Peki neden böyle bir artış yaşanıyor? Türkiye’de durum ne?
Son dönemde beyin kanaması vakalarına dair çarpıcı ve farklı haberler gündemde yer aldı; hem bilim insanlarından hem siyasetçilerden hem de vatandaşlardan yaşanan sağlık mücadeleleri kamuoyunun dikkatini çekti.
Örneğin, dünya çapında tanınan Türk bilim insanı Doç. Dr. Canan Dağdeviren, yaptığı son sosyal medya paylaşımında, 9 Haziran’da beyin kanaması geçirdiğini, 12 gün yoğun bakımda kaldığını ve ölümün kıyısından döndüğünü açıklamıştı. Tedavi sürecinde 964 adet ilaç kullandığını söyleyen Dağdeviren “Bir mucize yaşadım” dedi.
Deprem tahminleriyle sık sık gündeme gelen Jeofizik Yüksek Mühendisi Prof. Dr. Övgün Ahmet Ercan, Bosna-Hersek’te geçirdiği beyin kanaması ve inme nedeniyle hastaneye kaldırılmıştı. Ercan, sosyal medya hesabından yaptığı açıklamada “Boyundan bele kadar omurilik boyunca gelen ağrıyla 22/12 tansiyonla ambulansla Sarayova Hastanesi’ne kaldırıldım. 3 saatlik yoğun müdahaleyle tansiyonum 13/7,5’a düşürüldü. Beyin kanaması ve inme atlattım” ifadelerini kullandı.
Sırbistan Kamu Yatırımları Bakanı Darko Glisic de geçtiğimiz günlerde sabah saatlerinde katıldığı bir TV programında, canlı yayın sırasında beyin kanaması geçirmişti. Glisic’in bir süre sonra fenalaşması üzerine canlı yayının kesildi ve bakan hastaneye kaldırıldı.

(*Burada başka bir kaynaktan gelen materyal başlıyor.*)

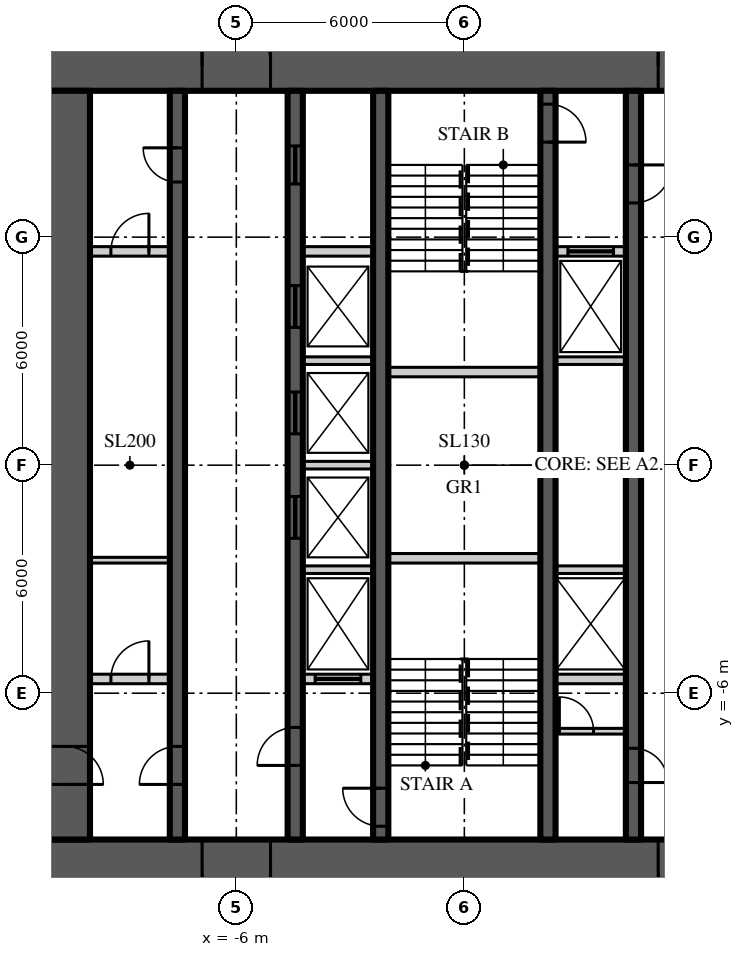
"""IFC4 building model, lengths in metres.
Left out: names, types, materials, properties, quantities, classifications, styles, units other than length and angle.
Written with IfcOpenShell. Run it as: python <this file> out.ifc"""

import sys

from ifc_helpers import new_model, si_unit, direction, frame, frame_2d, origin, place, context, subcontext, project, spatial, rectangle, extrude, element, fill, save


model = new_model("IFC4")
c1 = context("Model", 3, precision=1e-05, world=origin(), true_north=direction((0.0, 1.0)))
c2 = subcontext(c1, "Body", "Model", "MODEL_VIEW")
j1 = project(units=[si_unit("LENGTHUNIT", "METRE"), si_unit("PLANEANGLEUNIT", "RADIAN")], contexts=[c1])
p1 = place(None, origin())
s1 = spatial("IfcSite", under=j1, at=p1, CompositionType="ELEMENT")
p2 = place(p1, origin())
s2 = spatial("IfcBuilding", under=s1, at=p2, CompositionType="ELEMENT")
p3 = place(p2, frame((0.0, 0.0, 132.0)))
s3 = spatial("IfcBuildingStorey", under=s2, at=p3, CompositionType="ELEMENT", Elevation=132.0)
p4 = place(p3, frame((-11.15, 10.5, 0.0), z_axis=(0.0, 0.0, 1.0), x_axis=(1.0, 0.0, 0.0)))
e1 = element("IfcWall", 1, at=p4, inside=s3, PredefinedType="SHEAR", context=c2, shape_type="SweptSolid", body=[
    extrude(rectangle(XDim=22.3, YDim=1.3, at=frame_2d((11.15, 0.0))), origin(), (0.0, 0.0, 1.0), 3.9),
])
p5 = place(p4, frame((4.25, 0.0, 0.0)))
e2 = element("IfcOpeningElement", 2, at=p5, cuts=e1, PredefinedType="OPENING", context=c2, shape_type="SweptSolid", body=[
    extrude(rectangle(XDim=1.8, YDim=2.2, at=frame_2d((0.9, 1.1))), frame((0.0, 0.66, 0.0), z_axis=(0.0, -1.0, 0.0), x_axis=(1.0, 0.0, 0.0)), (0.0, 0.0, 1.0), 1.32),
])
p6 = place(p4, frame((16.25, 0.0, 0.0)))
e3 = element("IfcOpeningElement", 3, at=p6, cuts=e1, PredefinedType="OPENING", context=c2, shape_type="SweptSolid", body=[
    extrude(rectangle(XDim=1.8, YDim=2.2, at=frame_2d((0.9, 1.1))), frame((0.0, 0.66, 0.0), z_axis=(0.0, -1.0, 0.0), x_axis=(1.0, 0.0, 0.0)), (0.0, 0.0, 1.0), 1.32),
])
p7 = place(p3, frame((11.15, -10.5, 0.0), z_axis=(0.0, 0.0, 1.0), x_axis=(-1.0, 0.0, 0.0)))
e4 = element("IfcWall", 4, at=p7, inside=s3, PredefinedType="SHEAR", context=c2, shape_type="SweptSolid", body=[
    extrude(rectangle(XDim=22.3, YDim=1.3, at=frame_2d((11.15, 0.0))), origin(), (0.0, 0.0, 1.0), 3.9),
])
p8 = place(p7, frame((16.25, 0.0, 0.0)))
e5 = element("IfcOpeningElement", 5, at=p8, cuts=e4, PredefinedType="OPENING", context=c2, shape_type="SweptSolid", body=[
    extrude(rectangle(XDim=1.8, YDim=2.2, at=frame_2d((0.9, 1.1))), frame((0.0, 0.66, 0.0), z_axis=(0.0, -1.0, 0.0), x_axis=(1.0, 0.0, 0.0)), (0.0, 0.0, 1.0), 1.32),
])
p9 = place(p7, frame((4.25, 0.0, 0.0)))
e6 = element("IfcOpeningElement", 6, at=p9, cuts=e4, PredefinedType="OPENING", context=c2, shape_type="SweptSolid", body=[
    extrude(rectangle(XDim=1.8, YDim=2.2, at=frame_2d((0.9, 1.1))), frame((0.0, 0.66, 0.0), z_axis=(0.0, -1.0, 0.0), x_axis=(1.0, 0.0, 0.0)), (0.0, 0.0, 1.0), 1.32),
])
p10 = place(p3, frame((-10.5, 9.85, 0.0), z_axis=(0.0, 0.0, 1.0), x_axis=(0.0, -1.0, 0.0)))
e7 = element("IfcWall", 7, at=p10, inside=s3, PredefinedType="SHEAR", context=c2, shape_type="SweptSolid", body=[
    extrude(rectangle(XDim=19.7, YDim=1.3, at=frame_2d((9.85, 0.0))), origin(), (0.0, 0.0, 1.0), 3.9),
])
p11 = place(p10, frame((17.25, 0.0, 0.0)))
e8 = element("IfcOpeningElement", 8, at=p11, cuts=e7, PredefinedType="OPENING", context=c2, shape_type="SweptSolid", body=[
    extrude(rectangle(XDim=1.0, YDim=2.2, at=frame_2d((0.5, 1.1))), frame((0.0, 0.66, 0.0), z_axis=(0.0, -1.0, 0.0), x_axis=(1.0, 0.0, 0.0)), (0.0, 0.0, 1.0), 1.32),
])
p12 = place(p3, frame((-7.55, -9.85, 0.0), z_axis=(0.0, 0.0, 1.0), x_axis=(0.0, 1.0, 0.0)))
e9 = element("IfcWall", 9, at=p12, inside=s3, PredefinedType="SHEAR", context=c2, shape_type="SweptSolid", body=[
    extrude(rectangle(XDim=19.7, YDim=0.4, at=frame_2d((9.85, 0.0))), origin(), (0.0, 0.0, 1.0), 3.9),
])
p13 = place(p12, frame((1.45, 0.0, 0.0)))
e10 = element("IfcOpeningElement", 10, at=p13, cuts=e9, PredefinedType="OPENING", context=c2, shape_type="SweptSolid", body=[
    extrude(rectangle(XDim=1.0, YDim=2.2, at=frame_2d((0.5, 1.1))), frame((0.0, 0.21, 0.0), z_axis=(0.0, -1.0, 0.0), x_axis=(1.0, 0.0, 0.0)), (0.0, 0.0, 1.0), 0.42),
])
p14 = place(p12, frame((17.3, 0.0, 0.0)))
e11 = element("IfcOpeningElement", 11, at=p14, cuts=e9, PredefinedType="OPENING", context=c2, shape_type="SweptSolid", body=[
    extrude(rectangle(XDim=0.9, YDim=2.1, at=frame_2d((0.45, 1.05))), frame((0.0, 0.21, 0.0), z_axis=(0.0, -1.0, 0.0), x_axis=(1.0, 0.0, 0.0)), (0.0, 0.0, 1.0), 0.42),
])
p15 = place(p3, frame((-4.45, -9.85, 0.0), z_axis=(0.0, 0.0, 1.0), x_axis=(0.0, 1.0, 0.0)))
e12 = element("IfcWall", 12, at=p15, inside=s3, PredefinedType="SHEAR", context=c2, shape_type="SweptSolid", body=[
    extrude(rectangle(XDim=19.7, YDim=0.4, at=frame_2d((9.85, 0.0))), origin(), (0.0, 0.0, 1.0), 3.9),
])
p16 = place(p15, frame((1.95, 0.0, 0.0)))
e13 = element("IfcOpeningElement", 13, at=p16, cuts=e12, PredefinedType="OPENING", context=c2, shape_type="SweptSolid", body=[
    extrude(rectangle(XDim=1.0, YDim=2.2, at=frame_2d((0.5, 1.1))), frame((0.0, 0.21, 0.0), z_axis=(0.0, -1.0, 0.0), x_axis=(1.0, 0.0, 0.0)), (0.0, 0.0, 1.0), 0.42),
])
p17 = place(p15, frame((17.25, 0.0, 0.0)))
e14 = element("IfcOpeningElement", 14, at=p17, cuts=e12, PredefinedType="OPENING", context=c2, shape_type="SweptSolid", body=[
    extrude(rectangle(XDim=1.0, YDim=2.1, at=frame_2d((0.5, 1.05))), frame((0.0, 0.21, 0.0), z_axis=(0.0, -1.0, 0.0), x_axis=(1.0, 0.0, 0.0)), (0.0, 0.0, 1.0), 0.42),
])
p18 = place(p15, frame((7.925, 0.0, 0.0)))
e15 = element("IfcOpeningElement", 15, at=p18, cuts=e12, PredefinedType="OPENING", context=c2, shape_type="SweptSolid", body=[
    extrude(rectangle(XDim=1.1, YDim=2.2, at=frame_2d((0.55, 1.1))), frame((0.0, 0.21, 0.0), z_axis=(0.0, -1.0, 0.0), x_axis=(1.0, 0.0, 0.0)), (0.0, 0.0, 1.0), 0.42),
])
p19 = place(p15, frame((10.675, 0.0, 0.0)))
e16 = element("IfcOpeningElement", 16, at=p19, cuts=e12, PredefinedType="OPENING", context=c2, shape_type="SweptSolid", body=[
    extrude(rectangle(XDim=1.1, YDim=2.2, at=frame_2d((0.55, 1.1))), frame((0.0, 0.21, 0.0), z_axis=(0.0, -1.0, 0.0), x_axis=(1.0, 0.0, 0.0)), (0.0, 0.0, 1.0), 0.42),
])
p20 = place(p15, frame((13.475, 0.0, 0.0)))
e17 = element("IfcOpeningElement", 17, at=p20, cuts=e12, PredefinedType="OPENING", context=c2, shape_type="SweptSolid", body=[
    extrude(rectangle(XDim=1.1, YDim=2.2, at=frame_2d((0.55, 1.1))), frame((0.0, 0.21, 0.0), z_axis=(0.0, -1.0, 0.0), x_axis=(1.0, 0.0, 0.0)), (0.0, 0.0, 1.0), 0.42),
])
p21 = place(p3, frame((4.45, 9.85, 0.0), z_axis=(0.0, 0.0, 1.0), x_axis=(0.0, -1.0, 0.0)))
e18 = element("IfcWall", 18, at=p21, inside=s3, PredefinedType="SHEAR", context=c2, shape_type="SweptSolid", body=[
    extrude(rectangle(XDim=19.7, YDim=0.4, at=frame_2d((9.85, 0.0))), origin(), (0.0, 0.0, 1.0), 3.9),
])
p22 = place(p21, frame((1.95, 0.0, 0.0)))
e19 = element("IfcOpeningElement", 19, at=p22, cuts=e18, PredefinedType="OPENING", context=c2, shape_type="SweptSolid", body=[
    extrude(rectangle(XDim=1.0, YDim=2.2, at=frame_2d((0.5, 1.1))), frame((0.0, 0.21, 0.0), z_axis=(0.0, -1.0, 0.0), x_axis=(1.0, 0.0, 0.0)), (0.0, 0.0, 1.0), 0.42),
])
p23 = place(p21, frame((17.3, 0.0, 0.0)))
e20 = element("IfcOpeningElement", 20, at=p23, cuts=e18, PredefinedType="OPENING", context=c2, shape_type="SweptSolid", body=[
    extrude(rectangle(XDim=0.9, YDim=2.1, at=frame_2d((0.45, 1.05))), frame((0.0, 0.21, 0.0), z_axis=(0.0, -1.0, 0.0), x_axis=(1.0, 0.0, 0.0)), (0.0, 0.0, 1.0), 0.42),
])
p24 = place(p3, frame((-2.2, -9.85, 0.0), z_axis=(0.0, 0.0, 1.0), x_axis=(0.0, 1.0, 0.0)))
e21 = element("IfcWall", 21, at=p24, inside=s3, PredefinedType="SHEAR", context=c2, shape_type="SweptSolid", body=[
    extrude(rectangle(XDim=19.7, YDim=0.4, at=frame_2d((9.85, 0.0))), origin(), (0.0, 0.0, 1.0), 3.9),
])
p25 = place(p24, frame((0.35, 0.0, 0.0)))
e22 = element("IfcOpeningElement", 22, at=p25, cuts=e21, PredefinedType="OPENING", context=c2, shape_type="SweptSolid", body=[
    extrude(rectangle(XDim=1.0, YDim=2.2, at=frame_2d((0.5, 1.1))), frame((0.0, 0.21, 0.0), z_axis=(0.0, -1.0, 0.0), x_axis=(1.0, 0.0, 0.0)), (0.0, 0.0, 1.0), 0.42),
])
p26 = place(p3, frame((2.2, 9.85, 0.0), z_axis=(0.0, 0.0, 1.0), x_axis=(0.0, -1.0, 0.0)))
e23 = element("IfcWall", 23, at=p26, inside=s3, PredefinedType="SHEAR", context=c2, shape_type="SweptSolid", body=[
    extrude(rectangle(XDim=19.7, YDim=0.4, at=frame_2d((9.85, 0.0))), origin(), (0.0, 0.0, 1.0), 3.9),
])
p27 = place(p26, frame((0.35, 0.0, 0.0)))
e24 = element("IfcOpeningElement", 24, at=p27, cuts=e23, PredefinedType="OPENING", context=c2, shape_type="SweptSolid", body=[
    extrude(rectangle(XDim=1.0, YDim=2.2, at=frame_2d((0.5, 1.1))), frame((0.0, 0.21, 0.0), z_axis=(0.0, -1.0, 0.0), x_axis=(1.0, 0.0, 0.0)), (0.0, 0.0, 1.0), 0.42),
])
p28 = place(p3, frame((-9.85, 5.625, 0.0), z_axis=(0.0, 0.0, 1.0), x_axis=(1.0, 0.0, 0.0)))
e25 = element("IfcWall", 25, at=p28, inside=s3, PredefinedType="SOLIDWALL", context=c2, shape_type="SweptSolid", body=[
    extrude(rectangle(XDim=2.1, YDim=0.25, at=frame_2d((1.05, 0.0))), origin(), (0.0, 0.0, 1.0), 3.7),
])
p29 = place(p28, frame((0.55, 0.0, 0.0)))
e26 = element("IfcOpeningElement", 26, at=p29, cuts=e25, PredefinedType="OPENING", context=c2, shape_type="SweptSolid", body=[
    extrude(rectangle(XDim=1.0, YDim=2.2, at=frame_2d((0.5, 1.1))), frame((0.0, 0.135, 0.0), z_axis=(0.0, -1.0, 0.0), x_axis=(1.0, 0.0, 0.0)), (0.0, 0.0, 1.0), 0.27),
])
p30 = place(p3, frame((-4.25, 5.625, 0.0), z_axis=(0.0, 0.0, 1.0), x_axis=(1.0, 0.0, 0.0)))
e27 = element("IfcWall", 27, at=p30, inside=s3, PredefinedType="SOLIDWALL", context=c2, shape_type="SweptSolid", body=[
    extrude(rectangle(XDim=1.85, YDim=0.25, at=frame_2d((0.925, 0.0))), origin(), (0.0, 0.0, 1.0), 3.7),
])
p31 = place(p3, frame((2.4, 5.625, 0.0), z_axis=(0.0, 0.0, 1.0), x_axis=(1.0, 0.0, 0.0)))
e28 = element("IfcWall", 28, at=p31, inside=s3, PredefinedType="SOLIDWALL", context=c2, shape_type="SweptSolid", body=[
    extrude(rectangle(XDim=1.85, YDim=0.25, at=frame_2d((0.925, 0.0))), origin(), (0.0, 0.0, 1.0), 3.7),
])
p32 = place(p31, frame((0.325, 0.0, 0.0)))
e29 = element("IfcOpeningElement", 29, at=p32, cuts=e28, PredefinedType="OPENING", context=c2, shape_type="SweptSolid", body=[
    extrude(rectangle(XDim=1.2, YDim=2.2, at=frame_2d((0.6, 1.1))), frame((0.0, 0.135, 0.0), z_axis=(0.0, -1.0, 0.0), x_axis=(1.0, 0.0, 0.0)), (0.0, 0.0, 1.0), 0.27),
])
p33 = place(p3, frame((-9.85, -5.625, 0.0), z_axis=(0.0, 0.0, 1.0), x_axis=(1.0, 0.0, 0.0)))
e30 = element("IfcWall", 30, at=p33, inside=s3, PredefinedType="SOLIDWALL", context=c2, shape_type="SweptSolid", body=[
    extrude(rectangle(XDim=2.1, YDim=0.25, at=frame_2d((1.05, 0.0))), origin(), (0.0, 0.0, 1.0), 3.7),
])
p34 = place(p33, frame((0.55, 0.0, 0.0)))
e31 = element("IfcOpeningElement", 31, at=p34, cuts=e30, PredefinedType="OPENING", context=c2, shape_type="SweptSolid", body=[
    extrude(rectangle(XDim=1.0, YDim=2.2, at=frame_2d((0.5, 1.1))), frame((0.0, 0.135, 0.0), z_axis=(0.0, -1.0, 0.0), x_axis=(1.0, 0.0, 0.0)), (0.0, 0.0, 1.0), 0.27),
])
p35 = place(p3, frame((-4.25, -5.625, 0.0), z_axis=(0.0, 0.0, 1.0), x_axis=(1.0, 0.0, 0.0)))
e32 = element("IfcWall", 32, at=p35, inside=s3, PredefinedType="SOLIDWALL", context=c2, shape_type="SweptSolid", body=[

Burdur’un Gölhisar geçtiğimiz günlerde evinde düşerek beyin kanaması geçiren H.T. (34), önce ambulans ile Gölhisar Devlet Hastanesi’ne, buradan da Burdur Devlet Hastanesi’ne kaldırılmıştı. Hastanede üç gündür yoğun bakımda tedavisi süren H.T.’nin beyin ölümü gerçekleşmişti. Burdur Devlet Hastanesi Organ Nakil Birimi tarafından aile ile yapılan görüşme sonrasında H.T.’nin organları bağışlandı.
‘SON 10 YILDA YÜZDE 15-20 ARTIŞ GÖZLENDİ, HATTA…’
Özel bir üniversite hastanesinde Beyin ve Sinir Cerrahisi Uzmanı olan Doç. Dr. Muhammet Arif Özbek, “Son yıllarda beyin kanaması vakalarının yalnızca ileri yaş grubunda değil, gençlerde de artış gösterdiği doğru. Yapılan değerlendirmelere göre, özellikle son 10 yıl içerisinde gençlerde görülen beyin kanaması oranında yaklaşık yüzde 15-20 artış gözlendi. Bu eğilimin önümüzdeki yıllarda da devam edebileceğini söyleyebilirim. Zaten pek çok uzman da bu şekilde düşünüyor” ifadelerini kullandı.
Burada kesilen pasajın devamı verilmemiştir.